Don Daglow: There’s actually two layers to it. You’ve heard how much I admire Tom Disch’s writing. I also think the team at Cognetics, Kevin [Bentley, the programmer for the game – Ed.] and Charlie, they turned Tom loose, but they would also bring him back, kind of: „Hey Tom, here are realities we have to face.“ They taught him how to think in these ways, to think like a text adventure.
And they then – you’re right –, they literally typed. I don’t remember if they had an import function of any kind or not, but this script was a traditional screenplay type script, and so they typed in the information, they structured it within the engine they had built for games. And then I gave him feedback, since they were working with him for quite a while before I joined. And then they simply kept implementing the game within the engine.
This was the first game in the engine, so they were debugging the engine, finding features they had to add to the engine, all the things you get the first time you build an engine. I think they had done some smaller sample things with it before. But I come back to the fact: They were trying to empower Disch instead of trying to control him. If you look at lots of creative collaborations in the history of game design – I’ll leave out names, because I’m not trying to damn anybody –, people worked with celebrities or with some kind of skilled person, but then they tried to make it their own instead of trying to channel that person. Charlie Kreitzberg and his team simply had that philosophy that they were trying to empower Tom. So we’re trying to help him understand the medium, but they weren’t trying to change him and design the game for him.
And I think it’s amazing that he was able to do the things you’re describing. This is a writer. He’d never designed games before. He had us coaching him, but we always tried to defer to him. There were some cases where there’d be issues, where something just wasn’t going to work, and we could tell him that and it was obvious. If we were going to have a side story that was going to lead off into the weeds and not come back to the main story, that kind of thing would be the first thing we’d say we needed to cut, because it didn’t support the main story.
So yeah, it’s a case of having the original text implemented, but I’ve seen things savaged so many times when other people’s work was put into a game. And instead of being savaged, it was like gardeners getting the plants into the garden and then planting them lovingly and trying to find the right shade and the right sun and the right everything for every plant that Tom Disch saw as part of the garden and the landscape design.

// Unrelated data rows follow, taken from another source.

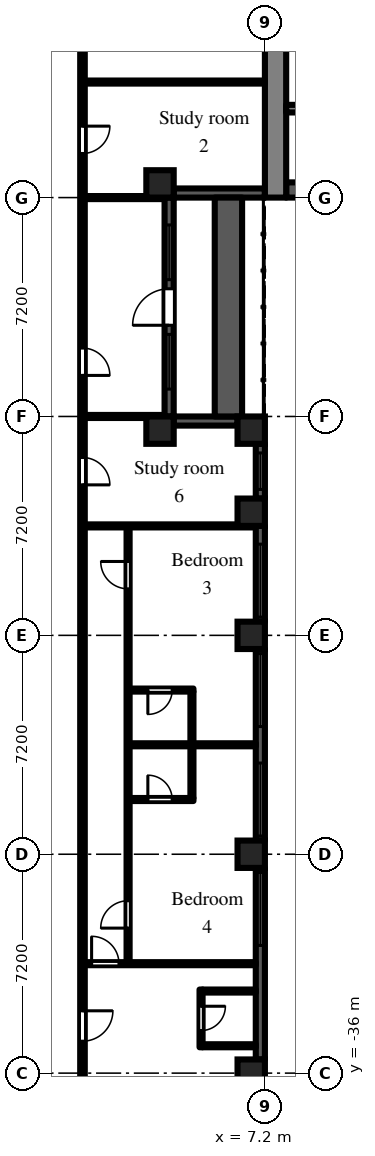
"""IFC4 building model, lengths in metres.
Left out: names, types, materials, properties, quantities, classifications, styles, units other than length and angle.
Written with IfcOpenShell. Run it as: python <this file> out.ifc"""

import sys

from ifc_helpers import new_model, si_unit, direction, frame, frame_2d, origin, origin_2d, place, context, subcontext, project, spatial, rectangle, extrude, element, fill, save


model = new_model("IFC4")
c1 = context("Model", 3, precision=1e-05, world=origin(), true_north=direction((0.0, 1.0)))
c2 = subcontext(c1, "Body", "Model", "MODEL_VIEW")
j1 = project(units=[si_unit("LENGTHUNIT", "METRE"), si_unit("PLANEANGLEUNIT", "RADIAN")], contexts=[c1])
p1 = place(None, origin())
s1 = spatial("IfcSite", under=j1, at=p1, CompositionType="ELEMENT")
p2 = place(p1, origin())
s2 = spatial("IfcBuilding", under=s1, at=p2, CompositionType="ELEMENT")
p3 = place(p2, frame((0.0, 0.0, 44.7)))
s3 = spatial("IfcBuildingStorey", under=s2, at=p3, CompositionType="ELEMENT", Elevation=44.7)
for number, where, z_axis, x_axis in (
    (1, (3.75, -14.85, 0.0), (0.0, 0.0, 1.0), (1.0, 0.0, 0.0)),
    (2, (3.75, -6.75, 0.0), (0.0, 0.0, 1.0), (1.0, 0.0, 0.0)),
    (3, (6.75, -36.0, 0.0), (0.0, 0.0, 1.0), (1.0, 0.0, 0.0)),
    (4, (6.75, -28.8, 0.0), (0.0, 0.0, 1.0), (1.0, 0.0, 0.0)),
    (5, (6.75, -21.6, 0.0), (0.0, 0.0, 1.0), (1.0, 0.0, 0.0)),
    (6, (6.75, -17.55, 0.0), (0.0, 0.0, 1.0), (1.0, 0.0, 0.0)),
    (7, (6.75, -14.85, 0.0), (0.0, 0.0, 1.0), (1.0, 0.0, 0.0)),
):
    element("IfcColumn", number, at=place(p3, frame(where, z_axis=z_axis, x_axis=x_axis)), inside=s3, PredefinedType="COLUMN", context=c2, shape_type="SweptSolid", body=[
        extrude(rectangle(XDim=0.9, YDim=0.9, at=origin_2d()), origin(), (0.0, 0.0, 1.0), 3.0),
    ])
p4 = place(p3, frame((7.05, -35.55, 0.0), z_axis=(0.0, 0.0, 1.0), x_axis=(0.0, 1.0, 0.0)))
e8 = element("IfcWall", 8, at=p4, inside=s3, PredefinedType="SOLIDWALL", context=c2, shape_type="SweptSolid", body=[
    extrude(rectangle(XDim=6.3, YDim=0.3, at=frame_2d((3.15, 0.0))), origin(), (0.0, 0.0, 1.0), 2.1),
])
p5 = place(p4, frame((3.75, 0.0, 0.2)))
e9 = element("IfcOpeningElement", 9, at=p5, cuts=e8, PredefinedType="OPENING", context=c2, shape_type="SweptSolid", body=[
    extrude(rectangle(XDim=2.4, YDim=1.85, at=frame_2d((1.2, 0.925))), frame((0.0, 0.16, 0.0), z_axis=(0.0, -1.0, 0.0), x_axis=(1.0, 0.0, 0.0)), (0.0, 0.0, 1.0), 0.32),
])
p6 = place(p3, frame((7.05, -28.35, 0.0), z_axis=(0.0, 0.0, 1.0), x_axis=(0.0, 1.0, 0.0)))
e10 = element("IfcWall", 10, at=p6, inside=s3, PredefinedType="SOLIDWALL", context=c2, shape_type="SweptSolid", body=[
    extrude(rectangle(XDim=6.3, YDim=0.3, at=frame_2d((3.15, 0.0))), origin(), (0.0, 0.0, 1.0), 2.1),
])
p7 = place(p6, frame((0.15, 0.0, 0.2)))
e11 = element("IfcOpeningElement", 11, at=p7, cuts=e10, PredefinedType="OPENING", context=c2, shape_type="SweptSolid", body=[
    extrude(rectangle(XDim=2.4, YDim=1.85, at=frame_2d((1.2, 0.925))), frame((0.0, 0.16, 0.0), z_axis=(0.0, -1.0, 0.0), x_axis=(1.0, 0.0, 0.0)), (0.0, 0.0, 1.0), 0.32),
])
p8 = place(p6, frame((3.75, 0.0, 0.2)))
e12 = element("IfcOpeningElement", 12, at=p8, cuts=e10, PredefinedType="OPENING", context=c2, shape_type="SweptSolid", body=[
    extrude(rectangle(XDim=2.4, YDim=1.85, at=frame_2d((1.2, 0.925))), frame((0.0, 0.16, 0.0), z_axis=(0.0, -1.0, 0.0), x_axis=(1.0, 0.0, 0.0)), (0.0, 0.0, 1.0), 0.32),
])
p9 = place(p3, frame((7.05, -21.15, 0.0), z_axis=(0.0, 0.0, 1.0), x_axis=(0.0, 1.0, 0.0)))
e13 = element("IfcWall", 13, at=p9, inside=s3, PredefinedType="SOLIDWALL", context=c2, shape_type="SweptSolid", body=[
    extrude(rectangle(XDim=3.15, YDim=0.3, at=frame_2d((1.575, 0.0))), origin(), (0.0, 0.0, 1.0), 2.1),
])
p10 = place(p9, frame((0.15, 0.0, 0.2)))
e14 = element("IfcOpeningElement", 14, at=p10, cuts=e13, PredefinedType="OPENING", context=c2, shape_type="SweptSolid", body=[
    extrude(rectangle(XDim=2.4, YDim=1.85, at=frame_2d((1.2, 0.925))), frame((0.0, 0.16, 0.0), z_axis=(0.0, -1.0, 0.0), x_axis=(1.0, 0.0, 0.0)), (0.0, 0.0, 1.0), 0.32),
])
p11 = place(p3, frame((7.05, -17.1, 0.0), z_axis=(0.0, 0.0, 1.0), x_axis=(0.0, 1.0, 0.0)))
e15 = element("IfcWall", 15, at=p11, inside=s3, PredefinedType="SOLIDWALL", context=c2, shape_type="SweptSolid", body=[
    extrude(rectangle(XDim=1.8, YDim=0.3, at=frame_2d((0.9, 0.0))), origin(), (0.0, 0.0, 1.0), 2.1),
])
p12 = place(p11, frame((0.3, 0.0, 0.2)))
e16 = element("IfcOpeningElement", 16, at=p12, cuts=e15, PredefinedType="OPENING", context=c2, shape_type="SweptSolid", body=[
    extrude(rectangle(XDim=1.2, YDim=1.85, at=frame_2d((0.6, 0.925))), frame((0.0, 0.16, 0.0), z_axis=(0.0, -1.0, 0.0), x_axis=(1.0, 0.0, 0.0)), (0.0, 0.0, 1.0), 0.32),
])
p13 = place(p3, frame((6.3, -14.55, 0.0), z_axis=(0.0, 0.0, 1.0), x_axis=(-1.0, 0.0, 0.0)))
e17 = element("IfcWall", 17, at=p13, inside=s3, PredefinedType="SOLIDWALL", context=c2, shape_type="SweptSolid", body=[
    extrude(rectangle(XDim=2.1, YDim=0.3, at=frame_2d((1.05, 0.0))), origin(), (0.0, 0.0, 1.0), 2.1),
])
p14 = place(p3, frame((4.05, -14.4, 0.0), z_axis=(0.0, 0.0, 1.0), x_axis=(0.0, 1.0, 0.0)))
e18 = element("IfcWall", 18, at=p14, inside=s3, PredefinedType="SOLIDWALL", context=c2, shape_type="SweptSolid", body=[
    extrude(rectangle(XDim=7.2, YDim=0.3, at=frame_2d((3.6, 0.0))), origin(), (0.0, 0.0, 1.0), 2.1),
])
p15 = place(p14, frame((3.0, 0.0, 0.0)))
e19 = element("IfcOpeningElement", 19, at=p15, cuts=e18, PredefinedType="OPENING", context=c2, shape_type="SweptSolid", body=[
    extrude(rectangle(XDim=1.2, YDim=2.05, at=frame_2d((0.6, 1.025))), frame((0.0, 0.16, 0.0), z_axis=(0.0, -1.0, 0.0), x_axis=(1.0, 0.0, 0.0)), (0.0, 0.0, 1.0), 0.32),
])
p16 = place(p14, frame((0.9, 0.0, 0.2)))
e20 = element("IfcOpeningElement", 20, at=p16, cuts=e18, PredefinedType="OPENING", context=c2, shape_type="SweptSolid", body=[
    extrude(rectangle(XDim=1.8, YDim=1.85, at=frame_2d((0.9, 0.925))), frame((0.0, 0.16, 0.0), z_axis=(0.0, -1.0, 0.0), x_axis=(1.0, 0.0, 0.0)), (0.0, 0.0, 1.0), 0.32),
])
p17 = place(p14, frame((4.5, 0.0, 0.2)))
e21 = element("IfcOpeningElement", 21, at=p17, cuts=e18, PredefinedType="OPENING", context=c2, shape_type="SweptSolid", body=[
    extrude(rectangle(XDim=1.8, YDim=1.85, at=frame_2d((0.9, 0.925))), frame((0.0, 0.16, 0.0), z_axis=(0.0, -1.0, 0.0), x_axis=(1.0, 0.0, 0.0)), (0.0, 0.0, 1.0), 0.32),
])
p18 = place(p3, frame((4.2, -7.05, 0.0), z_axis=(0.0, 0.0, 1.0), x_axis=(1.0, 0.0, 0.0)))
e22 = element("IfcWall", 22, at=p18, inside=s3, PredefinedType="SOLIDWALL", context=c2, shape_type="SweptSolid", body=[
    extrude(rectangle(XDim=3.0, YDim=0.3, at=frame_2d((1.5, 0.0))), origin(), (0.0, 0.0, 1.0), 2.1),
])
p19 = place(p3, frame((6.0, -14.4, 0.0), z_axis=(0.0, 0.0, 1.0), x_axis=(0.0, 1.0, 0.0)))
e23 = element("IfcWall", 23, at=p19, inside=s3, PredefinedType="PARAPET", context=c2, shape_type="SweptSolid", body=[
    extrude(rectangle(XDim=7.2, YDim=0.9, at=frame_2d((3.6, 0.0))), origin(), (0.0, 0.0, 1.0), 0.8),
])
p20 = place(p3, frame((7.55, -7.2, 0.0), z_axis=(0.0, 0.0, 1.0), x_axis=(0.0, 1.0, 0.0)))
e24 = element("IfcWall", 24, at=p20, inside=s3, PredefinedType="SHEAR", context=c2, shape_type="SweptSolid", body=[
    extrude(rectangle(XDim=14.4, YDim=0.7, at=frame_2d((7.2, 0.0))), origin(), (0.0, 0.0, 1.0), 2.575),
])
p21 = place(p20, frame((6.0, 0.0, 0.0)))
e25 = element("IfcOpeningElement", 25, at=p21, cuts=e24, PredefinedType="OPENING", context=c2, shape_type="SweptSolid", body=[
    extrude(rectangle(XDim=2.4, YDim=2.2, at=frame_2d((1.2, 1.1))), frame((0.0, 0.36, 0.0), z_axis=(0.0, -1.0, 0.0), x_axis=(1.0, 0.0, 0.0)), (0.0, 0.0, 1.0), 0.72),
])
p22 = place(p3, frame((7.9, -6.95, 0.0), z_axis=(0.0, 0.0, 1.0), x_axis=(1.0, 0.0, 0.0)))
e26 = element("IfcWall", 26, at=p22, inside=s3, PredefinedType="SHEAR", context=c2, shape_type="SweptSolid", body=[
    extrude(rectangle(XDim=12.95, YDim=0.5, at=frame_2d((6.475, 0.0))), origin(), (0.0, 0.0, 1.0), 2.575),
])
p23 = place(p3, frame((7.9, -4.275, 0.0), z_axis=(0.0, 0.0, 1.0), x_axis=(1.0, 0.0, 0.0)))
e27 = element("IfcWall", 27, at=p23, inside=s3, PredefinedType="SHEAR", context=c2, shape_type="SweptSolid", body=[
    extrude(rectangle(XDim=1.95, YDim=0.25, at=frame_2d((0.975, 0.0))), origin(), (0.0, 0.0, 1.0), 2.575),
])
p24 = place(p3, frame((1.2, -36.5, 0.0), z_axis=(0.0, 0.0, 1.0), x_axis=(0.0, 1.0, 0.0)))
e28 = element("IfcWall", 28, at=p24, inside=s3, PredefinedType="PARTITIONING", context=c2, shape_type="SweptSolid", body=[
    extrude(rectangle(XDim=35.375, YDim=0.15, at=frame_2d((17.688, 0.0))), origin(), (0.0, 0.0, 1.0), 2.575),
])
p25 = place(p24, frame((30.75, 0.0, 0.0)))
e29 = element("IfcOpeningElement", 29, at=p25, cuts=e28, PredefinedType="OPENING", context=c2, shape_type="SweptSolid", body=[
    extrude(rectangle(XDim=0.9, YDim=2.1, at=frame_2d((0.45, 1.05))), frame((0.0, 0.085, 0.0), z_axis=(0.0, -1.0, 0.0), x_axis=(1.0, 0.0, 0.0)), (0.0, 0.0, 1.0), 0.17),
])
p26 = place(p24, frame((23.45, 0.0, 0.0)))
e30 = element("IfcOpeningElement", 30, at=p26, cuts=e28, PredefinedType="OPENING", context=c2, shape_type="SweptSolid", body=[
    extrude(rectangle(XDim=0.9, YDim=2.1, at=frame_2d((0.45, 1.05))), frame((0.0, 0.085, 0.0), z_axis=(0.0, -1.0, 0.0), x_axis=(1.0, 0.0, 0.0)), (0.0, 0.0, 1.0), 0.17),
])
p27 = place(p24, frame((19.85, 0.0, 0.0)))
e31 = element("IfcOpeningElement", 31, at=p27, cuts=e28, PredefinedType="OPENING", context=c2, shape_type="SweptSolid", body=[
    extrude(rectangle(XDim=0.9, YDim=2.1, at=frame_2d((0.45, 1.05))), frame((0.0, 0.085, 0.0), z_axis=(0.0, -1.0, 0.0), x_axis=(1.0, 0.0, 0.0)), (0.0, 0.0, 1.0), 0.17),
])
p28 = place(p24, frame((1.55, 0.0, 0.0)))
e32 = element("IfcOpeningElement", 32, at=p28, cuts=e28, PredefinedType="OPENING", context=c2, shape_type="SweptSolid", body=[
    extrude(rectangle(XDim=1.0, YDim=2.1, at=frame_2d((0.5, 1.05))), frame((0.0, 0.085, 0.0), z_axis=(0.0, -1.0, 0.0), x_axis=(1.0, 0.0, 0.0)), (0.0, 0.0, 1.0), 0.17),
])
p29 = place(p3, frame((1.275, -32.4, 0.0), z_axis=(0.0, 0.0, 1.0), x_axis=(1.0, 0.0, 0.0)))
e33 = element("IfcWall", 33, at=p29, inside=s3, PredefinedType="PARTITIONING", context=c2, shape_type="SweptSolid", body=[
    extrude(rectangle(XDim=5.625, YDim=0.1, at=frame_2d((2.812, 0.0))), origin(), (0.0, 0.0, 1.0), 2.575),
])
p30 = place(p29, frame((0.225, 0.0, 0.0)))
e34 = element("IfcOpeningElement", 34, at=p30, cuts=e33, PredefinedType="OPENING", context=c2, shape_type="SweptSolid", body=[
    extrude(rectangle(XDim=0.9, YDim=2.1, at=frame_2d((0.45, 1.05))), frame((0.0, 0.06, 0.0), z_axis=(0.0, -1.0, 0.0), x_axis=(1.0, 0.0, 0.0)), (0.0, 0.0, 1.0), 0.12),
])
p31 = place(p3, frame((1.275, -18.0, 0.0), z_axis=(0.0, 0.0, 1.0), x_axis=(1.0, 0.0, 0.0)))
e35 = element("IfcWall", 35, at=p31, inside=s3, PredefinedType="PARTITIONING", context=c2, shape_type="SweptSolid", body=[
    extrude(rectangle(XDim=5.625, YDim=0.1, at=frame_2d((2.812, 0.0))), origin(), (0.0, 0.0, 1.0), 2.575),
])
for number, where, z_axis, x_axis in (
    (36, (1.275, -14.4, 0.0), (0.0, 0.0, 1.0), (1.0, 0.0, 0.0)),
    (37, (1.275, -7.2, 0.0), (0.0, 0.0, 1.0), (1.0, 0.0, 0.0)),
):
    element("IfcWall", number, at=place(p3, frame(where, z_axis=z_axis, x_axis=x_axis)), inside=s3, PredefinedType="PARTITIONING", context=c2, shape_type="SweptSolid", body=[
        extrude(rectangle(XDim=2.625, YDim=0.1, at=frame_2d((1.312, 0.0))), origin(), (0.0, 0.0, 1.0), 2.575),
    ])
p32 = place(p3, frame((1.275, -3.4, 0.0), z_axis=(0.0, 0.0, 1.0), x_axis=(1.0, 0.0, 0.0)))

Stay Forever: But if you look at the script and the game that came out of it and at the framework – this was meant to be a text adventure. And in large stretches of the game, it isn’t. It certainly doesn’t follow the Infocom mold, because there’s little choice in the beginning, it’s a very guided experience, then it has this world exploration role-playing part in the middle, and then it comes together for a few text adventure moments at certain choke points in the story. If you read the script, it’s like a hypertext novel in its own right.
Don Daglow: Which goes back to Charlie Kreitzberg, who built the system, being an advocate of HTML before everybody else was. One of the things when you talk about classic games, even something like this that had its flaws and is not widely appreciated, as much as I love it – people love to take credit for everything. Charlie Kreitzberg is the guy who had the vision for what it could have been. For a variety of reasons we didn’t get there, but Charlie was way ahead of his time, as I mentioned on HTML, but also this idea. Tom immediately went to a three-act structure. And Charlie and later I, instead of saying to him: „No, we’ve got to do this to be a traditional text adventure“, you’ll notice act one is a traditional text adventure, act three is more of a traditional text adventure, act two is what we now would call a sandbox game, and this is years before GTA. Trying to bring that to life and giving Tom permission to do that is just part of how the Cognetics team was trying to enable him instead of fight him.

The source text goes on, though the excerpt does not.